The units here are seconds, which is a bit unusual. Seconds of what, exactly? Sometimes cancelling units gives you an unexpectedly simple result, like how you can measure gas mileage in square meters. Sometimes this gives you a new, interesting interpretation of the value.
This is not the case for specific impulse.
How do you measure specific impulse? You take your engine and run it for a while. As it runs, you measure how much thrust it produces: the force it exerts. You also measure how much propellant it's consuming per second. Here's an example. We'll use the metric system.
You run your rocket for 10 seconds. In those 10 seconds, the engine used 20kg of propellant. So the engine consumed an average of 20kg/10s = 2kg/s. You measured the average thrust of the engine as 4000 Newtons. So the specific impulse of this engine is 4000N/(2kg/s) = 2000N/(kg/s).
The units here are N/(kg/s), which should make sense. It's exactly what we measured: how many Newtons of thrust the engine produces for each kilo of propellant it needs every second. If you want more thrust, you could maybe have two copies of the engine on your rocket, producing twice as much thrust. But then they would both be consuming propellant, so your consumption of propellant would double too. The specific impulse would stay constant.
We can bring the seconds to the top to get Ns/kg. This is maybe a bit less clear, but it's also a useful interpretation. Ns is a measure of impulse, or change in momentum. This is mostly what rocket scientists care about. For a rocket to perform a certain maneuver, it needs to change its velocity by a certain amount. That velocity, multiplied by the mass of the rocket, is the impulse required for the maneuver. Specific impulse tells you how much propellant you'll need to consume to get that given impulse. The "specific" in "specific impulse" means "per amount of stuff", like how specific heat capacity (measured in J/(kg*°C), or Joules per kilogram per degree Celcius) measures how much heat a substance needs to increase in temperature, per unit mass of that material. Specific impulse measures how much impulse you can get out of your propellant, per unit mass of propellant.
In base units, the Newton is kg*m/s². If we replace the Newton with its base units we get
Ns/kg = (kg*m/s²)*s/kg = (kg*m/s)/kg = m/s
So specific impulse is measured in meters per second. Is there an interesting interpretation of these units? Why yes, there is!
This is the effective exhaust velocity of the engine. It's how fast the propellant is going when it leaves the engine. The faster the propellant is travelling, the more momentum a given amount of propellant gives your rocket.
I think that's pretty cool. We never measured the exhaust velocity directly. We didn't watch the exhaust gases and see how fast they're going. It just turns out that the thing we care about — how much propellant we need to feed the engine to give our rocket a given kick — is the same as the exhaust velocity.

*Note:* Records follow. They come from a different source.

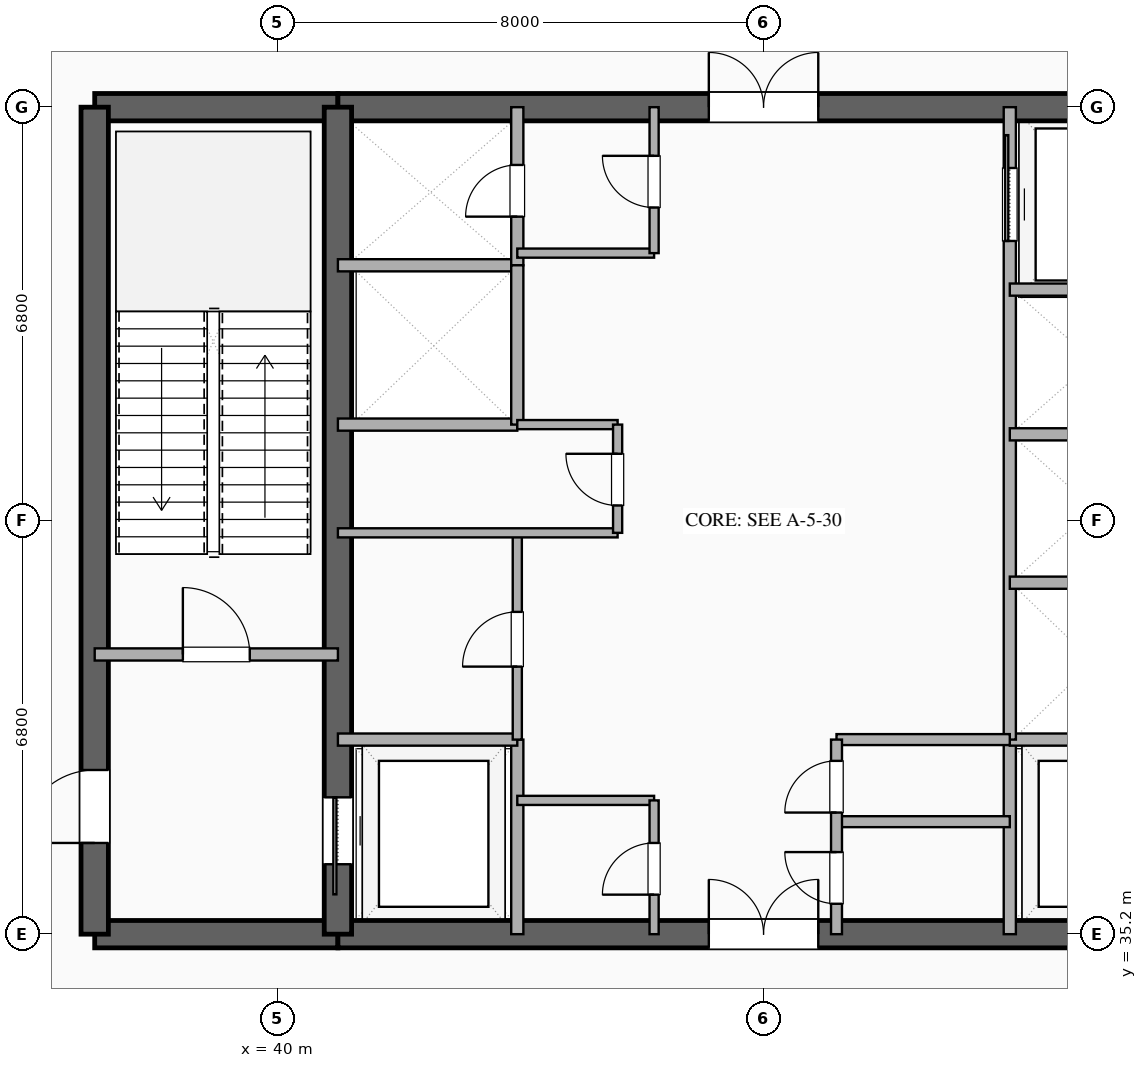
"""IFC4 building model, lengths in metres.
Left out: names, types, materials, properties, quantities, classifications, styles, units other than length and angle.
Written with IfcOpenShell. Run it as: python <this file> out.ifc"""

import sys

from ifc_helpers import new_model, si_unit, direction, frame, frame_2d, origin, place, context, subcontext, project, spatial, rectangle, extrude, element, fill, save


model = new_model("IFC4")
c1 = context("Model", 3, precision=1e-05, world=origin(), true_north=direction((0.0, 1.0)))
c2 = subcontext(c1, "Body", "Model", "MODEL_VIEW")
j1 = project(units=[si_unit("LENGTHUNIT", "METRE"), si_unit("PLANEANGLEUNIT", "RADIAN")], contexts=[c1])
p1 = place(None, origin())
s1 = spatial("IfcSite", under=j1, at=p1, CompositionType="ELEMENT")
p2 = place(p1, origin())
s2 = spatial("IfcBuilding", under=s1, at=p2, CompositionType="ELEMENT")
p3 = place(p2, frame((0.0, 0.0, 201.0)))
s3 = spatial("IfcBuildingStorey", under=s2, at=p3, CompositionType="ELEMENT", Elevation=201.0)
p4 = place(p3, frame((37.0, 35.2, 0.0), z_axis=(0.0, 0.0, 1.0), x_axis=(1.0, 0.0, 0.0)))
e1 = element("IfcWall", 1, at=p4, inside=s3, PredefinedType="SHEAR", context=c2, shape_type="SweptSolid", body=[
    extrude(rectangle(XDim=4.0, YDim=0.45, at=frame_2d((2.0, 0.0))), origin(), (0.0, 0.0, 1.0), 5.15),
])
p5 = place(p3, frame((41.0, 35.2, 0.0), z_axis=(0.0, 0.0, 1.0), x_axis=(1.0, 0.0, 0.0)))
e2 = element("IfcWall", 2, at=p5, inside=s3, PredefinedType="SHEAR", context=c2, shape_type="SweptSolid", body=[
    extrude(rectangle(XDim=14.0, YDim=0.45, at=frame_2d((7.0, 0.0))), origin(), (0.0, 0.0, 1.0), 5.15),
])
p6 = place(p5, frame((6.1, 0.0, 0.0)))
e3 = element("IfcOpeningElement", 3, at=p6, cuts=e2, PredefinedType="OPENING", context=c2, shape_type="SweptSolid", body=[
    extrude(rectangle(XDim=1.8, YDim=2.25, at=frame_2d((0.9, 1.125))), frame((0.0, 0.235, 0.0), z_axis=(0.0, -1.0, 0.0), x_axis=(1.0, 0.0, 0.0)), (0.0, 0.0, 1.0), 0.47),
])
p7 = place(p3, frame((37.0, 48.8, 0.0), z_axis=(0.0, 0.0, 1.0), x_axis=(1.0, 0.0, 0.0)))
e4 = element("IfcWall", 4, at=p7, inside=s3, PredefinedType="SHEAR", context=c2, shape_type="SweptSolid", body=[
    extrude(rectangle(XDim=4.0, YDim=0.45, at=frame_2d((2.0, 0.0))), origin(), (0.0, 0.0, 1.0), 5.15),
])
p8 = place(p3, frame((41.0, 48.8, 0.0), z_axis=(0.0, 0.0, 1.0), x_axis=(1.0, 0.0, 0.0)))
e5 = element("IfcWall", 5, at=p8, inside=s3, PredefinedType="SHEAR", context=c2, shape_type="SweptSolid", body=[
    extrude(rectangle(XDim=14.0, YDim=0.45, at=frame_2d((7.0, 0.0))), origin(), (0.0, 0.0, 1.0), 5.15),
])
p9 = place(p8, frame((6.1, 0.0, 0.0)))
e6 = element("IfcOpeningElement", 6, at=p9, cuts=e5, PredefinedType="OPENING", context=c2, shape_type="SweptSolid", body=[
    extrude(rectangle(XDim=1.8, YDim=2.25, at=frame_2d((0.9, 1.125))), frame((0.0, 0.235, 0.0), z_axis=(0.0, -1.0, 0.0), x_axis=(1.0, 0.0, 0.0)), (0.0, 0.0, 1.0), 0.47),
])
p10 = place(p3, frame((37.0, 35.2, 0.0), z_axis=(0.0, 0.0, 1.0), x_axis=(0.0, 1.0, 0.0)))
e7 = element("IfcWall", 7, at=p10, inside=s3, PredefinedType="SHEAR", context=c2, shape_type="SweptSolid", body=[
    extrude(rectangle(XDim=13.6, YDim=0.45, at=frame_2d((6.8, 0.0))), origin(), (0.0, 0.0, 1.0), 5.15),
])
p11 = place(p10, frame((1.5, 0.0, 0.0)))
e8 = element("IfcOpeningElement", 8, at=p11, cuts=e7, PredefinedType="OPENING", context=c2, shape_type="SweptSolid", body=[
    extrude(rectangle(XDim=1.2, YDim=2.15, at=frame_2d((0.6, 1.075))), frame((0.0, 0.235, 0.0), z_axis=(0.0, -1.0, 0.0), x_axis=(1.0, 0.0, 0.0)), (0.0, 0.0, 1.0), 0.47),
])
p12 = place(p3, frame((41.0, 35.2, 0.0), z_axis=(0.0, 0.0, 1.0), x_axis=(0.0, 1.0, 0.0)))
e9 = element("IfcWall", 9, at=p12, inside=s3, PredefinedType="SHEAR", context=c2, shape_type="SweptSolid", body=[
    extrude(rectangle(XDim=13.6, YDim=0.45, at=frame_2d((6.8, 0.0))), origin(), (0.0, 0.0, 1.0), 5.15),
])
p13 = place(p12, frame((1.15, 0.0, 0.0)))
e10 = element("IfcOpeningElement", 10, at=p13, cuts=e9, PredefinedType="OPENING", context=c2, shape_type="SweptSolid", body=[
    extrude(rectangle(XDim=1.1, YDim=2.2, at=frame_2d((0.55, 1.1))), frame((0.0, 0.235, 0.0), z_axis=(0.0, -1.0, 0.0), x_axis=(1.0, 0.0, 0.0)), (0.0, 0.0, 1.0), 0.47),
])
p14 = place(p3, frame((37.0, 39.8, 0.0), z_axis=(0.0, 0.0, 1.0), x_axis=(1.0, 0.0, 0.0)))
e11 = element("IfcWall", 11, at=p14, inside=s3, PredefinedType="SOLIDWALL", context=c2, shape_type="SweptSolid", body=[
    extrude(rectangle(XDim=4.0, YDim=0.2, at=frame_2d((2.0, 0.0))), origin(), (0.0, 0.0, 1.0), 3.45),
])
p15 = place(p14, frame((1.45, 0.0, 0.0)))
e12 = element("IfcOpeningElement", 12, at=p15, cuts=e11, PredefinedType="OPENING", context=c2, shape_type="SweptSolid", body=[
    extrude(rectangle(XDim=1.1, YDim=2.15, at=frame_2d((0.55, 1.075))), frame((0.0, 0.11, 0.0), z_axis=(0.0, -1.0, 0.0), x_axis=(1.0, 0.0, 0.0)), (0.0, 0.0, 1.0), 0.22),
])
p16 = place(p3, frame((43.95, 35.2, 0.0), z_axis=(0.0, 0.0, 1.0), x_axis=(0.0, 1.0, 0.0)))
e13 = element("IfcWall", 13, at=p16, inside=s3, PredefinedType="SOLIDWALL", context=c2, shape_type="SweptSolid", body=[
    extrude(rectangle(XDim=3.2, YDim=0.2, at=frame_2d((1.6, 0.0))), origin(), (0.0, 0.0, 1.0), 3.45),
])
p17 = place(p3, frame((41.0, 38.4, 0.0), z_axis=(0.0, 0.0, 1.0), x_axis=(1.0, 0.0, 0.0)))
e14 = element("IfcWall", 14, at=p17, inside=s3, PredefinedType="SOLIDWALL", context=c2, shape_type="SweptSolid", body=[
    extrude(rectangle(XDim=2.95, YDim=0.2, at=frame_2d((1.475, 0.0))), origin(), (0.0, 0.0, 1.0), 3.45),
])
p18 = place(p3, frame((52.05, 35.2, 0.0), z_axis=(0.0, 0.0, 1.0), x_axis=(0.0, 1.0, 0.0)))
e15 = element("IfcWall", 15, at=p18, inside=s3, PredefinedType="SOLIDWALL", context=c2, shape_type="SweptSolid", body=[
    extrude(rectangle(XDim=3.2, YDim=0.2, at=frame_2d((1.6, 0.0))), origin(), (0.0, 0.0, 1.0), 3.45),
])
for number, where, z_axis, x_axis in (
    (16, (52.05, 38.4, 0.0), (0.0, 0.0, 1.0), (1.0, 0.0, 0.0)),
    (17, (41.0, 46.2, 0.0), (0.0, 0.0, 1.0), (1.0, 0.0, 0.0)),
):
    element("IfcWall", number, at=place(p3, frame(where, z_axis=z_axis, x_axis=x_axis)), inside=s3, PredefinedType="SOLIDWALL", context=c2, shape_type="SweptSolid", body=[
        extrude(rectangle(XDim=2.95, YDim=0.2, at=frame_2d((1.475, 0.0))), origin(), (0.0, 0.0, 1.0), 3.45),
    ])
p19 = place(p3, frame((43.95, 46.2, 0.0), z_axis=(0.0, 0.0, 1.0), x_axis=(0.0, 1.0, 0.0)))
e18 = element("IfcWall", 18, at=p19, inside=s3, PredefinedType="SOLIDWALL", context=c2, shape_type="SweptSolid", body=[
    extrude(rectangle(XDim=2.6, YDim=0.2, at=frame_2d((1.3, 0.0))), origin(), (0.0, 0.0, 1.0), 3.45),
])
p20 = place(p19, frame((0.8, 0.0, 0.0)))
e19 = element("IfcOpeningElement", 19, at=p20, cuts=e18, PredefinedType="OPENING", context=c2, shape_type="SweptSolid", body=[
    extrude(rectangle(XDim=0.85, YDim=2.15, at=frame_2d((0.425, 1.075))), frame((0.0, 0.11, 0.0), z_axis=(0.0, -1.0, 0.0), x_axis=(1.0, 0.0, 0.0)), (0.0, 0.0, 1.0), 0.22),
])
p21 = place(p3, frame((41.0, 43.58, 0.0), z_axis=(0.0, 0.0, 1.0), x_axis=(1.0, 0.0, 0.0)))
e20 = element("IfcWall", 20, at=p21, inside=s3, PredefinedType="SOLIDWALL", context=c2, shape_type="SweptSolid", body=[
    extrude(rectangle(XDim=2.95, YDim=0.2, at=frame_2d((1.475, 0.0))), origin(), (0.0, 0.0, 1.0), 3.45),
])
p22 = place(p3, frame((43.95, 43.58, 0.0), z_axis=(0.0, 0.0, 1.0), x_axis=(0.0, 1.0, 0.0)))
e21 = element("IfcWall", 21, at=p22, inside=s3, PredefinedType="SOLIDWALL", context=c2, shape_type="SweptSolid", body=[
    extrude(rectangle(XDim=2.62, YDim=0.2, at=frame_2d((1.31, 0.0))), origin(), (0.0, 0.0, 1.0), 3.45),
])
p23 = place(p3, frame((43.95, 38.4, 0.0), z_axis=(0.0, 0.0, 1.0), x_axis=(0.0, 1.0, 0.0)))
e22 = element("IfcWall", 22, at=p23, inside=s3, PredefinedType="PARTITIONING", context=c2, shape_type="SweptSolid", body=[
    extrude(rectangle(XDim=3.4, YDim=0.15, at=frame_2d((1.7, 0.0))), origin(), (0.0, 0.0, 1.0), 3.45),
])
p24 = place(p23, frame((1.2, 0.0, 0.0)))
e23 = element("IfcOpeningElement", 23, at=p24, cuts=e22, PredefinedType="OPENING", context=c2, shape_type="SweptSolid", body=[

Using specific impulse is easy. Let's say you know you need 4000Ns of impulse, and your engine has a specific impulse of 2000m/s.
Have:That's easy.
- Required impulse: 4000Ns = 4000kg*m/s
- Specific impulse of engine: 2000m/s
Need:
- Fuel required (kg)
(4000kg*m/s) / (2000m/s) = 2kg
m/s is the true unit for specific impulse, and exhaust velocity is its cool interpretation.
So, your engine consumed 40lb/10s = 4lb/s of propellant. Its specific impulse is 800lb/(4lb/s) = 200lb/(lb/s). That is, your engine produces 200 pounds of thrust for every pound of fuel it uses per second. You cancel out the lb from the top and bottom and you get a specific impulse of 200s.
When you're using this number, everything seems fine. Say you know you're going to need 1000lb·s of impulse, (like in the metric system, you can measure impulse in the imperial system with units of force * time). and you're using that engine with a specific impulse of 200s.
Have:You divide by 200s, the specific impulse of your engine, and you see that you'll need 5lb of fuel for that maneuver.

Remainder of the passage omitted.